Thats y i like the sentras in the PI. Its something different.


----------



## niky (Jul 20, 2002)

I wonder if these bumpers will be as hip as GTS when they hit the surplus stores... a lot of people asking for GTS bumpers on the boards... unfortunately, you need the hood to make this one shine...


----------



## go4broke44 (Jan 14, 2003)

i kinda like that body style better than the one we have here in the states. i got a new idea for a front grille the other day though. take a regular B14 front grille, gut it to the frame, then fiberglass in a middle piece, so that its like 2 parts, like the BMW front grilles. i think it would work, and prolly would look pretty cool, plus its something completely new and different


----------



## go4broke44 (Jan 14, 2003)

i wonder if those headlights would fit on a regular B14, from the states??


----------



## niky (Jul 20, 2002)

might be possible.... they are slightly taller, though... and the grille dimensions would be different... sorry, the front end - hood, grille, lights and bumper, work as a unit... they're sweet, though, and miles better than the old ones. 

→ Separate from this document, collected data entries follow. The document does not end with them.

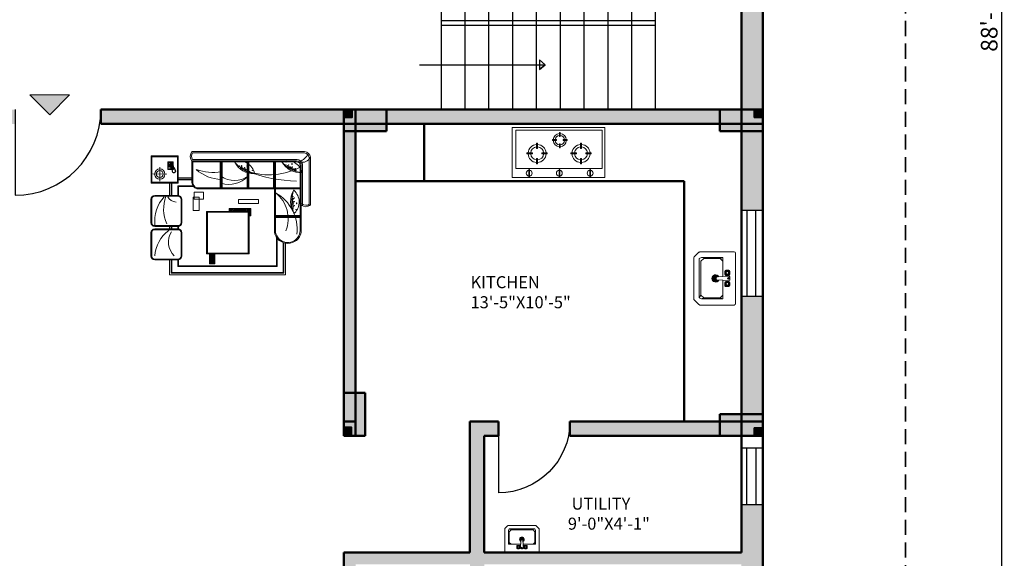
# Model space of a CAD drawing. Units: inches. Extents: x -7 to 1228, y -146 to 1091.
# Tile 42 of 88: x 815 to 1228, y 304 to 531. Entities that reach past the tile are written whole.
import ezdxf

# ---------------------------------------------------------------- set-up
doc = ezdxf.new("R2010")
doc.units = ezdxf.units.IN
doc.linetypes.add('DASHED2', pattern=[9.525, 6.35, -3.175])
for name, color, linetype, lineweight in [('A-ANNO-DIMS', 2, 'Continuous', 18), ('A-ANNO-SYMB', 30, 'Continuous', 18), ('A-AREA-IDEN', 7, 'Continuous', 18), ('A-COLS', 6, 'Continuous', 35), ('A-DOOR', 4, 'Continuous', 25), ('A-FLOR-STRS', 1, 'Continuous', 25), ('A-FURN', 8, 'Continuous', 18), ('A-GLAZ', 175, 'Continuous', 25), ('A-WALL', 7, 'Continuous', 50), ('A-WALL-PATT', 251, 'Continuous', 13), ('C-PROP', 1, 'DASHED2', 35)]:
    doc.layers.add(name, color=color, linetype=linetype, lineweight=lineweight)
doc.styles.get("Standard").update_dxf_attribs({"font": 'arial.ttf'})
doc.dimstyles.new('ISO-25', dxfattribs={"dimtxt": 7, "dimasz": 4, "dimexe": 1.25, "dimexo": 0.625, "dimtad": 1, "dimdec": 1, "dimlunit": 3, "dimtxsty": 'Standard', "dimcen": 2.5, "dimadec": 0, "dimazin": 0, "dimtfac": 1, "dimtdec": 1, "dimtmove": 1, "dimatfit": 3, "dimfxl": 1, "dimarcsym": 0})

# ---------------------------------------------------------------- blocks, each defined once
blk = doc.blocks.new('A$C72243D80')
at = {"ltscale": 1000}
for p, q in [((0, 0), (0, 384.2)), ((0, 384.2), (712, 384.2)), ((712, 384.2), (712, 0)), ((29.5, 68.9), (29.5, 363.2)), ((29.5, 363.2), (692.7, 363.2)), ((363.5, 314.5), (363.5, 345.1)), ((363.5, 345.1), (369.5, 345.1)), ((369.5, 314.5), (363.5, 314.5)), ((369.5, 345.1), (369.5, 314.5)), ((692.7, 363.2), (692.7, 68.9)), ((188.1, 264.2), (188.1, 222.1)), ((196.4, 264.2), (188.1, 264.2)), ((196.4, 222.1), (196.4, 264.2)), ((309.4, 291), (340, 291)), ((309.4, 285), (309.4, 291)), ((340, 285), (309.4, 285)), ((340, 291), (340, 285)), ((363.5, 260), (363.5, 229.4)), ((369.5, 260), (363.5, 260)), ((363.5, 229.4), (369.5, 229.4)), ((369.5, 229.4), (369.5, 260)), ((392.3, 291), (392.3, 285)), ((422.9, 291), (392.3, 291)), ((392.3, 285), (422.9, 285)), ((422.9, 285), (422.9, 291)), ((525.9, 222.1), (525.9, 264.2)), ((525.9, 264.2), (534.1, 264.2)), ((534.1, 264.2), (534.1, 222.1)), ((114.7, 189.8), (156.8, 189.8)), ((114.7, 181.6), (114.7, 189.8)), ((156.8, 181.6), (114.7, 181.6)), ((156.8, 189.8), (156.8, 181.6)), ((188.1, 222.1), (196.4, 222.1)), ((228.6, 189.8), (228.6, 181.6)), ((270.7, 189.8), (228.6, 189.8)), ((228.6, 181.6), (270.7, 181.6)), ((270.7, 181.6), (270.7, 189.8)), ((451.5, 189.8), (493.6, 189.8)), ((451.5, 181.6), (451.5, 189.8)), ((493.6, 181.6), (451.5, 181.6)), ((493.6, 189.8), (493.6, 181.6)), ((534.1, 222.1), (525.9, 222.1)), ((565.5, 189.8), (565.5, 181.6)), ((607.6, 189.8), (565.5, 189.8)), ((565.5, 181.6), (607.6, 181.6)), ((607.6, 181.6), (607.6, 189.8)), ((188.1, 147.2), (196.4, 147.2)), ((188.1, 105.1), (188.1, 147.2)), ((196.4, 105.1), (188.1, 105.1)), ((196.4, 147.2), (196.4, 105.1)), ((525.9, 147.2), (525.9, 105.1)), ((534.1, 147.2), (525.9, 147.2)), ((525.9, 105.1), (534.1, 105.1)), ((534.1, 105.1), (534.1, 147.2)), ((712, 0), (0, 0)), ((692.7, 68.9), (29.5, 68.9)), ((129.6, 61.1), (129.6, 5)), ((134.4, 61.1), (129.6, 61.1)), ((129.6, 5), (134.4, 5)), ((134.4, 5), (134.4, 61.1)), ((360.9, 5), (360.9, 61.1)), ((360.9, 61.1), (365.7, 61.1)), ((365.7, 5), (360.9, 5)), ((365.7, 61.1), (365.7, 5)), ((597, 5), (597, 61.1)), ((597, 61.1), (601.8, 61.1)), ((601.8, 5), (597, 5)), ((601.8, 61.1), (601.8, 5))]:
    blk.add_line(p, q, dxfattribs=at)
for centre, radius, start, end in [((366.2, 287.2), 50.3, 93.03445, 175.72709), ((366.1, 287.8), 36.3, 94.03738, 175.01421), ((366.2, 287.2), 50.3, 4.27291, 86.18384), ((366.1, 287.8), 36.3, 4.98579, 84.5356), ((192.7, 184.7), 69.2, 93.81616, 175.72709), ((192.9, 185.5), 49.9, 95.4644, 175.01421), ((192.7, 184.7), 69.2, 4.27291, 86.96555), ((192.9, 185.5), 49.9, 4.98579, 85.96262), ((366.2, 287.2), 50.3, 182.57829, 266.96555), ((366.1, 287.8), 36.3, 184.51534, 265.96262), ((366.1, 287.8), 36.3, 275.4644, 355.48466), ((366.2, 287.2), 50.3, 273.81616, 357.42171), ((529.5, 184.7), 69.2, 93.03445, 175.72709), ((529.4, 185.5), 49.9, 94.03738, 175.01421), ((529.5, 184.7), 69.2, 4.27291, 86.18384), ((529.4, 185.5), 49.9, 4.98579, 84.5356), ((192.7, 184.7), 69.2, 182.57829, 266.18384), ((192.9, 185.5), 49.9, 184.51534, 264.5356), ((192.9, 185.5), 49.9, 274.03738, 355.48466), ((192.7, 184.7), 69.2, 273.03445, 357.42171), ((529.5, 184.7), 69.2, 182.57829, 266.96555), ((529.4, 185.5), 49.9, 184.51534, 265.96262), ((529.5, 184.7), 69.2, 273.81616, 357.42171), ((529.4, 185.5), 49.9, 275.4644, 355.48466), ((132.3, 33.2), 22.5, 96.74526, 263.25474), ((132.3, 33.2), 22.5, 275.47893, 84.52107), ((363.1, 33.2), 22.5, 95.47893, 264.52107), ((363.1, 33.2), 22.5, 276.74526, 83.25474), ((599.2, 33.2), 22.5, 95.47893, 264.52107), ((599.2, 33.2), 22.5, 276.74526, 83.25474)]:
    blk.add_arc(centre, radius, start, end, dxfattribs=at)
blk = doc.blocks.new('A$C4CB854FF')
for p, q in [((0, 0.3675), (0, 0.0552)), ((0.4725, 0.38), (0.0125, 0.38)), ((0.485, 0.0552), (0.485, 0.3675)), ((0.1677, 0.2932), (0.1677, 0.318)), ((0.1745, 0.2919), (0.1745, 0.3194)), ((0.1773, 0.3221), (0.2048, 0.3221)), ((0.2048, 0.2891), (0.1773, 0.2891)), ((0.1787, 0.329), (0.2034, 0.329)), ((0.2034, 0.2822), (0.1787, 0.2822)), ((0.2075, 0.3194), (0.2075, 0.2919)), ((0.2144, 0.318), (0.2144, 0.2932)), ((0.2279, 0.2104), (0.2213, 0.3235)), ((0.2337, 0.329), (0.2502, 0.329)), ((0.2625, 0.3235), (0.256, 0.2104)), ((0.2694, 0.318), (0.2694, 0.2932)), ((0.2763, 0.3194), (0.2763, 0.2919)), ((0.3065, 0.3221), (0.279, 0.3221)), ((0.279, 0.2891), (0.3065, 0.2891)), ((0.3052, 0.329), (0.2804, 0.329)), ((0.2804, 0.2822), (0.3052, 0.2822)), ((0.3093, 0.2919), (0.3093, 0.3194)), ((0.3162, 0.2932), (0.3162, 0.318)), ((0.05, 0.265), (0.2247, 0.265)), ((0.06, 0.24), (0.05, 0.265)), ((0.05, 0.07), (0.05, 0.265)), ((0.085, 0.265), (0.06, 0.24)), ((0.06, 0.24), (0.06, 0.09)), ((0.2152, 0.1984), (0.2694, 0.1984)), ((0.2297, 0.2066), (0.2165, 0.2066)), ((0.2681, 0.1901), (0.2165, 0.1901)), ((0.2272, 0.2149), (0.2208, 0.2149)), ((0.2638, 0.1819), (0.2208, 0.1819)), ((0.2505, 0.2052), (0.2334, 0.2052)), ((0.2681, 0.2066), (0.2541, 0.2066)), ((0.2638, 0.2149), (0.2566, 0.2149)), ((0.2591, 0.265), (0.43, 0.265)), ((0.395, 0.265), (0.42, 0.24)), ((0.42, 0.24), (0.43, 0.265)), ((0.42, 0.24), (0.42, 0.09)), ((0.43, 0.07), (0.43, 0.265)), ((0.06, 0.09), (0.085, 0.065)), ((0.2533, 0.1736), (0.2313, 0.1736)), ((0.42, 0.09), (0.395, 0.065)), ((0.42, 0.09), (0.43, 0.07)), ((0.0037, 0.0463), (0.0463, 0.0037)), ((0.05, 0.07), (0.06, 0.05)), ((0.42, 0.05), (0.06, 0.05)), ((0.085, 0.065), (0.395, 0.065)), ((0.395, 0.065), (0.42, 0.05)), ((0.43, 0.07), (0.42, 0.05)), ((0.4387, 0.0037), (0.4813, 0.0463)), ((0.0552, 0), (0.4298, 0))]:
    blk.add_line(p, q)
for centre, radius in [((0.191, 0.3056), 0.0165), ((0.191, 0.3056), 0.0127), ((0.2419, 0.3152), 0.00688), ((0.2419, 0.3152), 0.00344), ((0.2928, 0.3056), 0.0165), ((0.2928, 0.3056), 0.0127)]:
    blk.add_circle(centre, radius)
for centre, radius, start, end in [((0.0125, 0.3675), 0.0125, 90, 180), ((0.4725, 0.3675), 0.0125, 0, 90), ((0.1787, 0.318), 0.011, 90, 180), ((0.1787, 0.2932), 0.011, 180, 270), ((0.1773, 0.3194), 0.00275, 90, 180), ((0.1773, 0.2919), 0.00275, 180, 270), ((0.2034, 0.318), 0.011, 0, 90), ((0.2034, 0.2932), 0.011, 270, 0), ((0.2048, 0.3194), 0.00275, 360, 90), ((0.2048, 0.2919), 0.00275, 270, 0), ((0.2329, 0.314), 0.015, 87.19754, 140.72744), ((0.2509, 0.314), 0.015, 39.27256, 92.80246), ((0.2804, 0.318), 0.011, 90, 180), ((0.2804, 0.2932), 0.011, 180, 270), ((0.279, 0.3194), 0.00275, 90, 180), ((0.279, 0.2919), 0.00275, 180, 270), ((0.3052, 0.318), 0.011, 0, 90), ((0.3052, 0.2932), 0.011, 270, 360), ((0.3065, 0.3194), 0.00275, 360, 90), ((0.3065, 0.2919), 0.00275, 270, 0), ((0.2423, 0.1984), 0.033, 118.68833, 62.86857), ((0.2423, 0.1984), 0.0271, 124.77581, 57.22467), ((0.2334, 0.2107), 0.0055, 183.3274, 270), ((0.2505, 0.2107), 0.0055, 270, 356.6726), ((0.0125, 0.0552), 0.0125, 180, 225), ((0.0552, 0.0125), 0.0125, 225, 270), ((0.4298, 0.0125), 0.0125, 270, 315), ((0.4725, 0.0552), 0.0125, 315, 0)]:
    blk.add_arc(centre, radius, start, end)
blk = doc.blocks.new('*D12')
at = {"layer": 'A-ANNO-DIMS', "color": 0, "lineweight": -2, "transparency": 16777216}
for p, q in [((1187.62, 1061), (1228.45, 1061)), ((1227.2, 1057), (1227.2, 4)), ((1187.62, 0), (1228.45, 0))]:
    blk.add_line(p, q, dxfattribs=at)
at = {"layer": 'A-ANNO-DIMS', "color": 0, "transparency": 16777216}
for points in [[(1226.53, 1057), (1227.86, 1057), (1227.2, 1061)], [(1226.53, 4), (1227.86, 4), (1227.2, 0)]]:
    blk.add_solid(points, dxfattribs=at)
at = {"layer": 'Defpoints', "color": 0, "transparency": 16777216}
for p in [(1187, 1061), (1187, 0), (1227.2, 0)]:
    blk.add_point(p, dxfattribs=at)
at = {"layer": 'A-ANNO-DIMS', "color": 0, "transparency": 16777216, "insert": (1223, 530.5), "char_height": 7, "attachment_point": 5, "rotation": 90}
blk.add_mtext('88\'-5"', dxfattribs=at)
blk = doc.blocks.new('A$C327A19D4')
for p, q in [((703, 3073), (3, 3073)), ((3, 3073), (3, 2373)), ((703, 2373), (703, 3073)), ((1059, 3191), (3976, 3191)), ((1078, 3155), (3976, 3155)), ((683, 3053), (23, 3053)), ((23, 3053), (23, 2393)), ((683, 2393), (683, 3053)), ((1056, 2949), (3763, 2949)), ((1056, 2403), (1056, 2949)), ((1056, 2925), (3763, 2925)), ((1076, 2985), (3780, 2985)), ((1080, 2403), (1080, 2949)), ((1791, 2223), (1791, 2949)), ((1815, 2465), (1815, 2949)), ((1815, 2223), (1815, 2872)), ((1815, 2223), (1815, 2872)), ((1815, 2465), (1815, 2872)), ((1815, 2465), (1815, 2872)), ((1839, 2223), (1839, 2949)), ((2487, 2223), (2487, 2949)), ((2511, 2223), (2511, 2949)), ((2535, 2223), (2535, 2949)), ((3169, 2223), (3169, 2949)), ((3193, 2465), (3193, 2949)), ((3193, 2223), (3193, 2872)), ((3193, 2223), (3193, 2872)), ((3193, 2465), (3193, 2872)), ((3193, 2465), (3193, 2872)), ((3221, 1195), (3221, 2949)), ((3860, 2828), (3860, 1185)), ((3884, 2828), (3884, 1095)), ((3920, 2867), (3920, 1802)), ((4090, 3043), (4090, 1800)), ((4126, 3043), (4126, 1800)), ((49, 2607), (409, 2603)), ((231, 2784), (227, 2425)), ((3, 2373), (703, 2373)), ((23, 2393), (683, 2393)), ((484, 2052), (484, 2373)), ((524, 2052), (524, 2373)), ((544, 2052), (544, 2373)), ((694, 2052), (694, 2302)), ((694, 2302), (1084, 2302)), ((703, 2512), (1056, 2512)), ((703, 2472), (1056, 2472)), ((703, 2452), (1056, 2452)), ((714, 2051), (714, 2282)), ((714, 2282), (1098, 2282)), ((1119, 2135), (1357, 2135)), ((1119, 1958), (1119, 2135)), ((3884, 2247), (1184, 2247)), ((3884, 2223), (1184, 2223)), ((1357, 2135), (1357, 1958)), ((3195, 2235), (3195, 1095)), ((1092, 2007), (1244, 2007)), ((1092, 1659), (1092, 2007)), ((1357, 1958), (1119, 1958)), ((1244, 2007), (1244, 1659)), ((2265, 1945), (2780, 1945)), ((2265, 1845), (2265, 1945)), ((2780, 1845), (2265, 1845)), ((2780, 1945), (2780, 1845)), ((1244, 1659), (1092, 1659)), ((2539, 1638), (1439, 1638)), ((1439, 1638), (1439, 538)), ((2519, 1618), (1459, 1618)), ((1459, 1618), (1459, 558)), ((2023, 1638), (2023, 1711)), ((2023, 1711), (2585, 1711)), ((2519, 558), (2519, 1618)), ((2539, 538), (2539, 1638)), ((2585, 1711), (2585, 1522)), ((3884, 1532), (3195, 1532)), ((2585, 1522), (2539, 1522)), ((3884, 1508), (3195, 1508)), ((3884, 1484), (3195, 1484)), ((484, 1185), (484, 1252)), ((524, 1185), (524, 1252)), ((544, 1185), (544, 1252)), ((694, 1185), (694, 1252)), ((714, 1184), (714, 1253)), ((3247, 967), (3247, 230)), ((3267, 940), (3267, 210)), ((3417, 832), (3417, 60)), ((3437, 825), (3437, 40)), ((3477, 816), (3477, 0)), ((1439, 538), (2539, 538)), ((1459, 558), (2519, 558)), ((1516, 538), (1651, 538)), ((1516, 285), (1516, 538)), ((1651, 538), (1651, 285)), ((484, 0), (484, 385)), ((524, 40), (524, 385)), ((544, 60), (544, 385)), ((694, 210), (694, 385)), ((714, 230), (714, 386)), ((1651, 285), (1516, 285)), ((3437, 40), (524, 40)), ((3417, 60), (544, 60)), ((3267, 210), (694, 210)), ((3247, 230), (714, 230)), ((3477, 0), (484, 0))]:
    blk.add_line(p, q)
at = {"linetype": 'ByBlock'}
for p, q in [((438, 2915), (440, 2918)), ((439, 2728), (438, 2915)), ((440, 2918), (576, 2919)), ((451, 2906), (490, 2906)), ((451, 2856), (451, 2906)), ((491, 2856), (451, 2856)), ((453, 2831), (453, 2839)), ((453, 2839), (461, 2839)), ((461, 2831), (453, 2831)), ((453, 2824), (461, 2825)), ((453, 2816), (453, 2824)), ((461, 2816), (453, 2816)), ((453, 2801), (453, 2810)), ((453, 2810), (461, 2810)), ((461, 2839), (461, 2831)), ((461, 2825), (461, 2816)), ((461, 2810), (461, 2802)), ((466, 2839), (475, 2840)), ((467, 2831), (466, 2839)), ((475, 2831), (467, 2831)), ((467, 2816), (467, 2825)), ((467, 2825), (475, 2825)), ((475, 2817), (467, 2816)), ((467, 2802), (467, 2810)), ((467, 2810), (475, 2810)), ((475, 2840), (475, 2831)), ((475, 2825), (475, 2817)), ((475, 2810), (475, 2802)), ((480, 2840), (488, 2840)), ((480, 2831), (480, 2840)), ((488, 2832), (480, 2831)), ((480, 2817), (480, 2825)), ((480, 2825), (488, 2825)), ((488, 2817), (480, 2817)), ((480, 2810), (488, 2810)), ((480, 2802), (480, 2810)), ((488, 2840), (488, 2832)), ((488, 2825), (488, 2817)), ((488, 2810), (488, 2802)), ((490, 2906), (491, 2856)), ((505, 2903), (494, 2903)), ((494, 2903), (494, 2899)), ((494, 2899), (505, 2899)), ((495, 2895), (495, 2891)), ((505, 2895), (495, 2895)), ((495, 2891), (505, 2891)), ((495, 2887), (495, 2883)), ((505, 2887), (495, 2887)), ((495, 2883), (505, 2883)), ((495, 2879), (495, 2875)), ((505, 2879), (495, 2879)), ((495, 2875), (505, 2875)), ((495, 2871), (495, 2867)), ((506, 2871), (495, 2871)), ((495, 2867), (506, 2867)), ((495, 2863), (495, 2859)), ((506, 2863), (495, 2863)), ((495, 2859), (506, 2859)), ((505, 2899), (505, 2903)), ((505, 2891), (505, 2895)), ((505, 2883), (505, 2887)), ((505, 2875), (505, 2879)), ((506, 2867), (506, 2871)), ((506, 2859), (506, 2863)), ((515, 2908), (520, 2914)), ((516, 2744), (515, 2908)), ((520, 2910), (519, 2905)), ((519, 2905), (531, 2893)), ((519, 2905), (519, 2868)), ((519, 2868), (522, 2862)), ((520, 2914), (561, 2915)), ((526, 2913), (520, 2910)), ((522, 2862), (526, 2855)), ((532, 2895), (526, 2913)), ((526, 2913), (558, 2913)), ((526, 2855), (527, 2845)), ((526, 2797), (528, 2806)), ((527, 2845), (527, 2832)), ((528, 2806), (527, 2832)), ((531, 2893), (532, 2895)), ((532, 2832), (531, 2893)), ((551, 2896), (532, 2895)), ((532, 2832), (532, 2759)), ((551, 2896), (558, 2913)), ((553, 2893), (551, 2896)), ((565, 2905), (553, 2893)), ((553, 2832), (553, 2893)), ((553, 2832), (554, 2759)), ((558, 2855), (557, 2846)), ((557, 2846), (557, 2832)), ((557, 2806), (557, 2832)), ((559, 2797), (557, 2806)), ((558, 2913), (563, 2911)), ((562, 2862), (558, 2855)), ((561, 2915), (568, 2908)), ((565, 2869), (562, 2862)), ((563, 2911), (565, 2905)), ((565, 2905), (565, 2869)), ((568, 2908), (569, 2745)), ((576, 2919), (578, 2916)), ((578, 2916), (580, 2729)), ((442, 2726), (439, 2728)), ((543, 2726), (442, 2726)), ((461, 2802), (453, 2801)), ((453, 2787), (453, 2795)), ((453, 2795), (461, 2795)), ((461, 2787), (453, 2787)), ((468, 2743), (455, 2743)), ((455, 2743), (455, 2735)), ((455, 2735), (469, 2735)), ((461, 2795), (461, 2787)), ((475, 2802), (467, 2802)), ((467, 2787), (467, 2795)), ((467, 2795), (475, 2795)), ((475, 2787), (467, 2787)), ((469, 2735), (468, 2743)), ((487, 2743), (474, 2743)), ((474, 2743), (474, 2735)), ((474, 2735), (487, 2735)), ((475, 2795), (475, 2787)), ((488, 2802), (480, 2802)), ((480, 2787), (480, 2795)), ((480, 2795), (488, 2795)), ((488, 2787), (480, 2787)), ((487, 2735), (487, 2743)), ((488, 2795), (488, 2787)), ((493, 2744), (493, 2735)), ((506, 2744), (493, 2744)), ((493, 2735), (506, 2735)), ((497, 2795), (507, 2795)), ((497, 2787), (497, 2795)), ((507, 2787), (497, 2787)), ((506, 2735), (506, 2744)), ((507, 2795), (507, 2787)), ((523, 2737), (516, 2744)), ((520, 2783), (522, 2790)), ((520, 2746), (520, 2783)), ((520, 2746), (532, 2759)), ((521, 2741), (520, 2746)), ((527, 2738), (521, 2741)), ((522, 2790), (526, 2797)), ((542, 2737), (523, 2737)), ((533, 2756), (527, 2738)), ((527, 2738), (542, 2738)), ((532, 2759), (533, 2756)), ((552, 2756), (533, 2756)), ((546, 2743), (542, 2743)), ((542, 2743), (542, 2731)), ((542, 2731), (545, 2717)), ((545, 2717), (549, 2704)), ((547, 2732), (546, 2743)), ((546, 2738), (559, 2739)), ((562, 2737), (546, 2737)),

(over)price at nissan for brand new parts is something like:

P5000 for the hood (primer only) *around $92*

P5000 for the bumper (primer only) *around $92*

P2500 per light *around $46*

P2500 for the grille *around $46*

P2500 OEM foglights *around $46*

that's OEM and brand new, though, and not entirely accurate... hood might be more... don't know about secondhand supply, but everything but oem lights are on even the cheapest sentra from those years... so they aren't too rare.


----------